Napoli | povertà sempre più diffusa, al limite della disperazione
«Una legge sul Reddito di cittadinanza, non deve essere sperimentale, ma inserirsi in una logica di politica nazionale», sostiene la sociologa Dora Gambardella
di Paulette Ievoli
NAPOLI | Il problema povertà in Campania, causato soprattutto, dalla quasi impossibilità di accesso al mondo del lavoro, sta assumendo connotati di disperazione sociale, sempre più diffusa. Vittime, sono le persone emarginate per motivi socio-culturali, che non hanno gli strumenti per rapportarsi a un mondo sempre più dominato dalla cultura telematica, che non guarda più all’individuo come risorsa umana ma come soggetto, la cui funzione è relativa al suo adeguamento agli standard basati sui modelli di comunicazione contemporanea, a cui non tutti hanno accesso. È il caso degli «invisibili», ossia di quelle persone senza qualifica professionale, che pur avendo voglia di lavorare, si ritrovano fuori dalle logiche della produttività. Molti tra questi, vinti dalla rassegnazione, smettono di cercare lavoro, e sopravvivono, privati di un diritto che non dovrebbe avere condizioni. Tra questi, la maggior parte, vengono sostenuti economicamente dalle famiglie, i più sfortunati, che non possono contare sull’aiuto economico di una famiglia, si ritrovano senza un lavoro né una casa, e vanno tristemente ad alimentare il numero dei senza fissa dimora. Prendendo spunto dal libro della sociologa Dora Gambardella: «La valutazione del Reddito di cittadinanza a Napoli. Quale futuro per le politiche di sostegno al reddito», abbiamo rivolto alcune domande all’autrice.

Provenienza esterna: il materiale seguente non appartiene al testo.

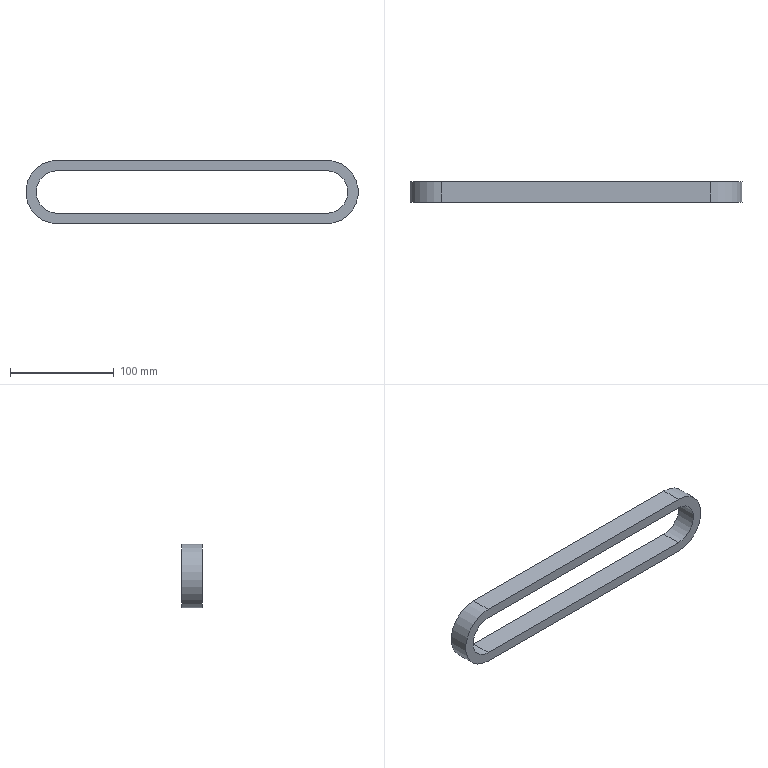Component | NX | MODEL3 | 1 solid | 10 faces | box 320 x 20 x 61 mm | volume 135644 mm3 | plane 6 | cylinder 4 | commonest cylinder face diameters 41 x2 61 x2
STEP:
#1=CARTESIAN_POINT('',(0.,0.,0.));
#2=DIRECTION('',(0.,0.,1.));
#3=DIRECTION('',(1.,0.,0.));
#4=AXIS2_PLACEMENT_3D('',#1,#2,#3);
#5=CARTESIAN_POINT('',(989.5,-5.069,-212.891));
#6=VERTEX_POINT('',#5);
#7=CARTESIAN_POINT('',(730.5,-5.069,-212.891));
#8=VERTEX_POINT('',#7);
#9=CARTESIAN_POINT('',(989.5,-5.069,-212.891));
#10=DIRECTION('',(-1.,0.,0.));
#11=VECTOR('',#10,1.);
#12=LINE('',#9,#11);
#13=CARTESIAN_POINT('',(989.5,-25.069,-212.891));
#14=DIRECTION('',(-0.,0.,-1.));
#15=DIRECTION('',(1.,0.,-0.));
#16=AXIS2_PLACEMENT_3D('',#13,#14,#15);
#17=PLANE('',#16);
#18=CARTESIAN_POINT('',(0.,-20.));
#19=DIRECTION('',(-1.,0.));
#20=VECTOR('',#19,1.);
#21=LINE('',#18,#20);
#22=(GEOMETRIC_REPRESENTATION_CONTEXT(2)PARAMETRIC_REPRESENTATION_CONTEXT()REPRESENTATION_CONTEXT('',''));
#23=DEFINITIONAL_REPRESENTATION('',(#21),#22);
#24=PCURVE('',#17,#23);
#25=CARTESIAN_POINT('',(730.5,-5.069,-192.391));
#26=DIRECTION('',(0.,1.,0.));
#27=DIRECTION('',(0.,0.,-1.));
#28=AXIS2_PLACEMENT_3D('',#25,#26,#27);
#29=PLANE('',#28);
#30=CARTESIAN_POINT('',(20.5,-259.));
#31=DIRECTION('',(-0.,1.));
#32=VECTOR('',#31,1.);
#33=LINE('',#30,#32);
#34=(GEOMETRIC_REPRESENTATION_CONTEXT(2)PARAMETRIC_REPRESENTATION_CONTEXT()REPRESENTATION_CONTEXT('',''));
#35=DEFINITIONAL_REPRESENTATION('',(#33),#34);
#36=PCURVE('',#29,#35);
#37=SURFACE_CURVE('',#12,(#24,#36),.PCURVE_S1.);
#38=EDGE_CURVE('',#6,#8,#37,.T.);
#39=ORIENTED_EDGE('',*,*,#38,.T.);
#40=CARTESIAN_POINT('',(730.5,-25.069,-212.891));
#41=VERTEX_POINT('',#40);
#42=CARTESIAN_POINT('',(730.5,-25.069,-212.891));
#43=DIRECTION('',(0.,1.,0.));
#44=VECTOR('',#43,1.);
#45=LINE('',#42,#44);
#46=CARTESIAN_POINT('',(-259.,0.));
#47=DIRECTION('',(0.,-1.));
#48=VECTOR('',#47,1.);
#49=LINE('',#46,#48);
#50=(GEOMETRIC_REPRESENTATION_CONTEXT(2)PARAMETRIC_REPRESENTATION_CONTEXT()REPRESENTATION_CONTEXT('',''));
#51=DEFINITIONAL_REPRESENTATION('',(#49),#50);
#52=PCURVE('',#17,#51);
#53=CARTESIAN_POINT('',(730.5,-25.069,-192.391));
#54=DIRECTION('',(0.,1.,0.));
#55=DIRECTION('',(0.,0.,-1.));
#56=AXIS2_PLACEMENT_3D('',#53,#54,#55);
#57=CYLINDRICAL_SURFACE('',#56,20.5);
#58=CARTESIAN_POINT('',(0.,0.));
#59=DIRECTION('',(0.,1.));
#60=VECTOR('',#59,1.);
#61=LINE('',#58,#60);
#62=(GEOMETRIC_REPRESENTATION_CONTEXT(2)PARAMETRIC_REPRESENTATION_CONTEXT()REPRESENTATION_CONTEXT('',''));
#63=DEFINITIONAL_REPRESENTATION('',(#61),#62);
#64=PCURVE('',#57,#63);
#65=SURFACE_CURVE('',#45,(#52,#64),.PCURVE_S1.);
#66=EDGE_CURVE('',#41,#8,#65,.T.);
#67=ORIENTED_EDGE('',*,*,#66,.F.);
#68=CARTESIAN_POINT('',(989.5,-25.069,-212.891));
#69=VERTEX_POINT('',#68);
#70=CARTESIAN_POINT('',(989.5,-25.069,-212.891));
#71=DIRECTION('',(-1.,0.,0.));
#72=VECTOR('',#71,1.);
#73=LINE('',#70,#72);
#74=CARTESIAN_POINT('',(0.,0.));
#75=DIRECTION('',(-1.,0.));
#76=VECTOR('',#75,1.);
#77=LINE('',#74,#76);
#78=(GEOMETRIC_REPRESENTATION_CONTEXT(2)PARAMETRIC_REPRESENTATION_CONTEXT()REPRESENTATION_CONTEXT('',''));
#79=DEFINITIONAL_REPRESENTATION('',(#77),#78);
#80=PCURVE('',#17,#79);
#81=CARTESIAN_POINT('',(730.5,-25.069,-192.391));
#82=DIRECTION('',(0.,1.,0.));
#83=DIRECTION('',(0.,0.,-1.));
#84=AXIS2_PLACEMENT_3D('',#81,#82,#83);
#85=PLANE('',#84);
#86=CARTESIAN_POINT('',(20.5,-259.));
#87=DIRECTION('',(-0.,1.));
#88=VECTOR('',#87,1.);
#89=LINE('',#86,#88);
#90=(GEOMETRIC_REPRESENTATION_CONTEXT(2)PARAMETRIC_REPRESENTATION_CONTEXT()REPRESENTATION_CONTEXT('',''));
#91=DEFINITIONAL_REPRESENTATION('',(#89),#90);
#92=PCURVE('',#85,#91);
#93=SURFACE_CURVE('',#73,(#80,#92),.PCURVE_S1.);
#94=EDGE_CURVE('',#69,#41,#93,.T.);
#95=ORIENTED_EDGE('',*,*,#94,.F.);
#96=CARTESIAN_POINT('',(989.5,-25.069,-212.891));
#97=DIRECTION('',(0.,1.,0.));
#98=VECTOR('',#97,1.);
#99=LINE('',#96,#98);
#100=CARTESIAN_POINT('',(0.,0.));
#101=DIRECTION('',(0.,-1.));
#102=VECTOR('',#101,1.);
#103=LINE('',#100,#102);
#104=(GEOMETRIC_REPRESENTATION_CONTEXT(2)PARAMETRIC_REPRESENTATION_CONTEXT()REPRESENTATION_CONTEXT('',''));
#105=DEFINITIONAL_REPRESENTATION('',(#103),#104);
#106=PCURVE('',#17,#105);
#107=CARTESIAN_POINT('',(989.5,-25.069,-192.391));
#108=DIRECTION('',(0.,1.,0.));
#109=DIRECTION('',(0.,0.,-1.));
#110=AXIS2_PLACEMENT_3D('',#107,#108,#109);
#111=CYLINDRICAL_SURFACE('',#110,20.5);
#112=CARTESIAN_POINT('',(6.283,0.));
#113=DIRECTION('',(0.,1.));
#114=VECTOR('',#113,1.);
#115=LINE('',#112,#114);
#116=(GEOMETRIC_REPRESENTATION_CONTEXT(2)PARAMETRIC_REPRESENTATION_CONTEXT()REPRESENTATION_CONTEXT('',''));
#117=DEFINITIONAL_REPRESENTATION('',(#115),#116);
#118=PCURVE('',#111,#117);
#119=SURFACE_CURVE('',#99,(#106,#118),.PCURVE_S1.);
#120=EDGE_CURVE('',#69,#6,#119,.T.);
#121=ORIENTED_EDGE('',*,*,#120,.T.);
#122=EDGE_LOOP('',(#39,#67,#95,#121));
#123=FACE_BOUND('',#122,.T.);
#124=ADVANCED_FACE('',(#123),#17,.F.);
#125=CARTESIAN_POINT('',(989.5,-25.069,-171.891));
#126=VERTEX_POINT('',#125);
#127=CARTESIAN_POINT('',(989.5,-5.069,-171.891));
#128=VERTEX_POINT('',#127);
#129=CARTESIAN_POINT('',(989.5,-25.069,-171.891));
#130=DIRECTION('',(0.,1.,0.));
#131=VECTOR('',#130,1.);
#132=LINE('',#129,#131);
#133=CARTESIAN_POINT('',(3.142,0.));
#134=DIRECTION('',(0.,1.));
#135=VECTOR('',#134,1.);
#136=LINE('',#133,#135);
#137=(GEOMETRIC_REPRESENTATION_CONTEXT(2)PARAMETRIC_REPRESENTATION_CONTEXT()REPRESENTATION_CONTEXT('',''));
#138=DEFINITIONAL_REPRESENTATION('',(#136),#137);
#139=PCURVE('',#111,#138);
#140=CARTESIAN_POINT('',(730.5,-25.069,-171.891));
#141=DIRECTION('',(0.,0.,1.));
#142=DIRECTION('',(-1.,0.,0.));
#143=AXIS2_PLACEMENT_3D('',#140,#141,#142);
#144=PLANE('',#143);
#145=CARTESIAN_POINT('',(-259.,0.));
#146=DIRECTION('',(0.,-1.));
#147=VECTOR('',#146,1.);
#148=LINE('',#145,#147);
#149=(GEOMETRIC_REPRESENTATION_CONTEXT(2)PARAMETRIC_REPRESENTATION_CONTEXT()REPRESENTATION_CONTEXT('',''));
#150=DEFINITIONAL_REPRESENTATION('',(#148),#149);
#151=PCURVE('',#144,#150);
#152=SURFACE_CURVE('',#132,(#139,#151),.PCURVE_S1.);
#153=EDGE_CURVE('',#126,#128,#152,.T.);
#154=ORIENTED_EDGE('',*,*,#153,.F.);
#155=CARTESIAN_POINT('',(989.5,-25.069,-192.391));
#156=DIRECTION('',(0.,1.,0.));
#157=DIRECTION('',(0.,0.,1.));
#158=AXIS2_PLACEMENT_3D('',#155,#156,#157);
#159=CIRCLE('',#158,20.5);
#160=CARTESIAN_POINT('',(3.142,0.));
#161=DIRECTION('',(1.,0.));
#162=VECTOR('',#161,1.);
#163=LINE('',#160,#162);
#164=(GEOMETRIC_REPRESENTATION_CONTEXT(2)PARAMETRIC_REPRESENTATION_CONTEXT()REPRESENTATION_CONTEXT('',''));
#165=DEFINITIONAL_REPRESENTATION('',(#163),#164);
#166=PCURVE('',#111,#165);
#167=CARTESIAN_POINT('',(0.,-259.));
#168=DIRECTION('',(-1.,0.));
#169=AXIS2_PLACEMENT_2D('',#167,#168);
#170=CIRCLE('',#169,20.5);
#171=(GEOMETRIC_REPRESENTATION_CONTEXT(2)PARAMETRIC_REPRESENTATION_CONTEXT()REPRESENTATION_CONTEXT('',''));
#172=DEFINITIONAL_REPRESENTATION('',(#170),#171);
#173=PCURVE('',#85,#172);
#174=SURFACE_CURVE('',#159,(#166,#173),.PCURVE_S1.);
#175=EDGE_CURVE('',#126,#69,#174,.T.);
#176=ORIENTED_EDGE('',*,*,#175,.T.);
#177=ORIENTED_EDGE('',*,*,#120,.T.);
#178=CARTESIAN_POINT('',(989.5,-5.069,-192.391));
#179=DIRECTION('',(0.,1.,0.));
#180=DIRECTION('',(0.,0.,1.));
#181=AXIS2_PLACEMENT_3D('',#178,#179,#180);
#182=CIRCLE('',#181,20.5);
#183=CARTESIAN_POINT('',(3.142,20.));
#184=DIRECTION('',(1.,0.));
#185=VECTOR('',#184,1.);
#186=LINE('',#183,#185);
#187=(GEOMETRIC_REPRESENTATION_CONTEXT(2)PARAMETRIC_REPRESENTATION_CONTEXT()REPRESENTATION_CONTEXT('',''));
#188=DEFINITIONAL_REPRESENTATION('',(#186),#187);
#189=PCURVE('',#111,#188);
#190=CARTESIAN_POINT('',(0.,-259.));
#191=DIRECTION('',(-1.,0.));
#192=AXIS2_PLACEMENT_2D('',#190,#191);
#193=CIRCLE('',#192,20.5);
#194=(GEOMETRIC_REPRESENTATION_CONTEXT(2)PARAMETRIC_REPRESENTATION_CONTEXT()REPRESENTATION_CONTEXT('',''));
#195=DEFINITIONAL_REPRESENTATION('',(#193),#194);
#196=PCURVE('',#29,#195);
#197=SURFACE_CURVE('',#182,(#189,#196),.PCURVE_S1.);
#198=EDGE_CURVE('',#128,#6,#197,.T.);
#199=ORIENTED_EDGE('',*,*,#198,.F.);
#200=EDGE_LOOP('',(#154,#176,#177,#199));
#201=FACE_BOUND('',#200,.F.);
#202=ADVANCED_FACE('',(#201),#111,.F.);
#203=CARTESIAN_POINT('',(730.5,-5.069,-171.891));
#204=VERTEX_POINT('',#203);
#205=CARTESIAN_POINT('',(730.5,-5.069,-171.891));
#206=DIRECTION('',(1.,0.,-0.));
#207=VECTOR('',#206,1.);
#208=LINE('',#205,#207);
#209=CARTESIAN_POINT('',(0.,-20.));
#210=DIRECTION('',(-1.,0.));
#211=VECTOR('',#210,1.);
#212=LINE('',#209,#211);
#213=(GEOMETRIC_REPRESENTATION_CONTEXT(2)PARAMETRIC_REPRESENTATION_CONTEXT()REPRESENTATION_CONTEXT('',''));
#214=DEFINITIONAL_REPRESENTATION('',(#212),#213);
#215=PCURVE('',#144,#214);
#216=CARTESIAN_POINT('',(-20.5,0.));
#217=DIRECTION('',(0.,-1.));
#218=VECTOR('',#217,1.);
#219=LINE('',#216,#218);
#220=(GEOMETRIC_REPRESENTATION_CONTEXT(2)PARAMETRIC_REPRESENTATION_CONTEXT()REPRESENTATION_CONTEXT('',''));
#221=DEFINITIONAL_REPRESENTATION('',(#219),#220);
#222=PCURVE('',#29,#221);
#223=SURFACE_CURVE('',#208,(#215,#222),.PCURVE_S1.);
#224=EDGE_CURVE('',#204,#128,#223,.T.);
#225=ORIENTED_EDGE('',*,*,#224,.T.);
#226=ORIENTED_EDGE('',*,*,#153,.F.);
#227=CARTESIAN_POINT('',(730.5,-25.069,-171.891));
#228=VERTEX_POINT('',#227);
#229=CARTESIAN_POINT('',(730.5,-25.069,-171.891));
#230=DIRECTION('',(1.,0.,-0.));
#231=VECTOR('',#230,1.);
#232=LINE('',#229,#231);
#233=CARTESIAN_POINT('',(0.,0.));
#234=DIRECTION('',(-1.,0.));
#235=VECTOR('',#234,1.);
#236=LINE('',#233,#235);
#237=(GEOMETRIC_REPRESENTATION_CONTEXT(2)PARAMETRIC_REPRESENTATION_CONTEXT()REPRESENTATION_CONTEXT('',''));
#238=DEFINITIONAL_REPRESENTATION('',(#236),#237);
#239=PCURVE('',#144,#238);
#240=CARTESIAN_POINT('',(-20.5,0.));
#241=DIRECTION('',(0.,-1.));
#242=VECTOR('',#241,1.);
#243=LINE('',#240,#242);
#244=(GEOMETRIC_REPRESENTATION_CONTEXT(2)PARAMETRIC_REPRESENTATION_CONTEXT()REPRESENTATION_CONTEXT('',''));
#245=DEFINITIONAL_REPRESENTATION('',(#243),#244);
#246=PCURVE('',#85,#245);
#247=SURFACE_CURVE('',#232,(#239,#246),.PCURVE_S1.);
#248=EDGE_CURVE('',#228,#126,#247,.T.);
#249=ORIENTED_EDGE('',*,*,#248,.F.);
#250=CARTESIAN_POINT('',(730.5,-25.069,-171.891));
#251=DIRECTION('',(0.,1.,0.));
#252=VECTOR('',#251,1.);
#253=LINE('',#250,#252);
#254=CARTESIAN_POINT('',(0.,0.));
#255=DIRECTION('',(0.,-1.));
#256=VECTOR('',#255,1.);
#257=LINE('',#254,#256);
#258=(GEOMETRIC_REPRESENTATION_CONTEXT(2)PARAMETRIC_REPRESENTATION_CONTEXT()REPRESENTATION_CONTEXT('',''));
#259=DEFINITIONAL_REPRESENTATION('',(#257),#258);
#260=PCURVE('',#144,#259);
#261=CARTESIAN_POINT('',(3.142,0.));
#262=DIRECTION('',(0.,1.));
#263=VECTOR('',#262,1.);
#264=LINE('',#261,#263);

Si ha l’impressione che le politiche regionali, specie quelle sul lavoro, si concentrino sui giovani, diplomati e laureati, dimenticando, la vasta schiera di persone che non hanno una preparazione qualificata, e che nonostante il desiderio di lavorare, non hanno alcuna chance di inserimento, e sembrano condannati alla povertà, quella più disperata
«II problema povertà a Napoli c’è sempre stato, oggi è più visibile e devastante a causa della crisi economica, ma è sempre stato un problema strutturale, al quale non si è mai trovata una soluzione adeguata. Inoltre, il fenomeno povertà è molto complesso, perciò ogni aspetto di questo problema và affrontato in maniera adeguata al caso. Ben vengano le politiche attive per il lavoro a favore dei giovani, che garantiscono percorsi di formazione che facilitano l’ingresso nel mercato del lavoro. Non sono da considerarsi un’attenzione maggiore verso certe categorie piuttosto che di altre. Naturalmente queste politiche non devono limitarsi a proclami ma ad azioni concrete».
Il problema povertà và quindi affrontato con una politica assistenzialista? C’è una differenza tra Welfare e assistenzialismo?
«Vogliono dire la stessa cosa. Compito dello Stato sociale è quello di tutelare, proteggere le persone che per vari motivi sono impossibilitati a farlo da soli. E non solo per mancanza di lavoro, ma anche perché impossibilitati da condizioni precarie di salute e socio-culturali».
In questo contesto si inserisce l’importanza di una legge sul Reddito minimo garantito?
«Oggi, alla luce, della sempre più evidente povertà, in Campania si ricomincia parlare di una legge in tal senso. Le proposte in campo sono molte diverse. In passato, la legge regionale sul Reddito minimo garantito, poi abrogata, non ha risolto nulla perché era una sperimentazione e soprattutto perché non era sostenuta da una logica di politica nazionale».
Quale caratteristica dovrebbe avere questa legge?
«Una legge efficace non può essere sperimentale, ma deve essere un diritto che sia individuale e selettivo. È un diritto del singolo cittadino. Sono perciò importanti le azioni di monitoraggio e valutazione, per seguire costantemente la vita delle persone e poterle tutelare. Altra cosa importante: l’accesso al Reddito di cittadinanza non può essere regolato da un bando, ma deve essere un diritto di tutti. In questa ottica, anche la carta acquisti assegnata alle famiglie più bisognose, non si rivela un beneficio, in quanto solo al 12% delle famiglie che ne fanno domanda, viene assegnata questa carta».
Possiamo dire, sarcasticamente, che l’Italia è una Repubblica fondata sulla famiglia e non sul lavoro?
«Sicuramente. In assenza di uno Stato sociale, la famiglia ha una importante funzione di ammortizzatore sociale».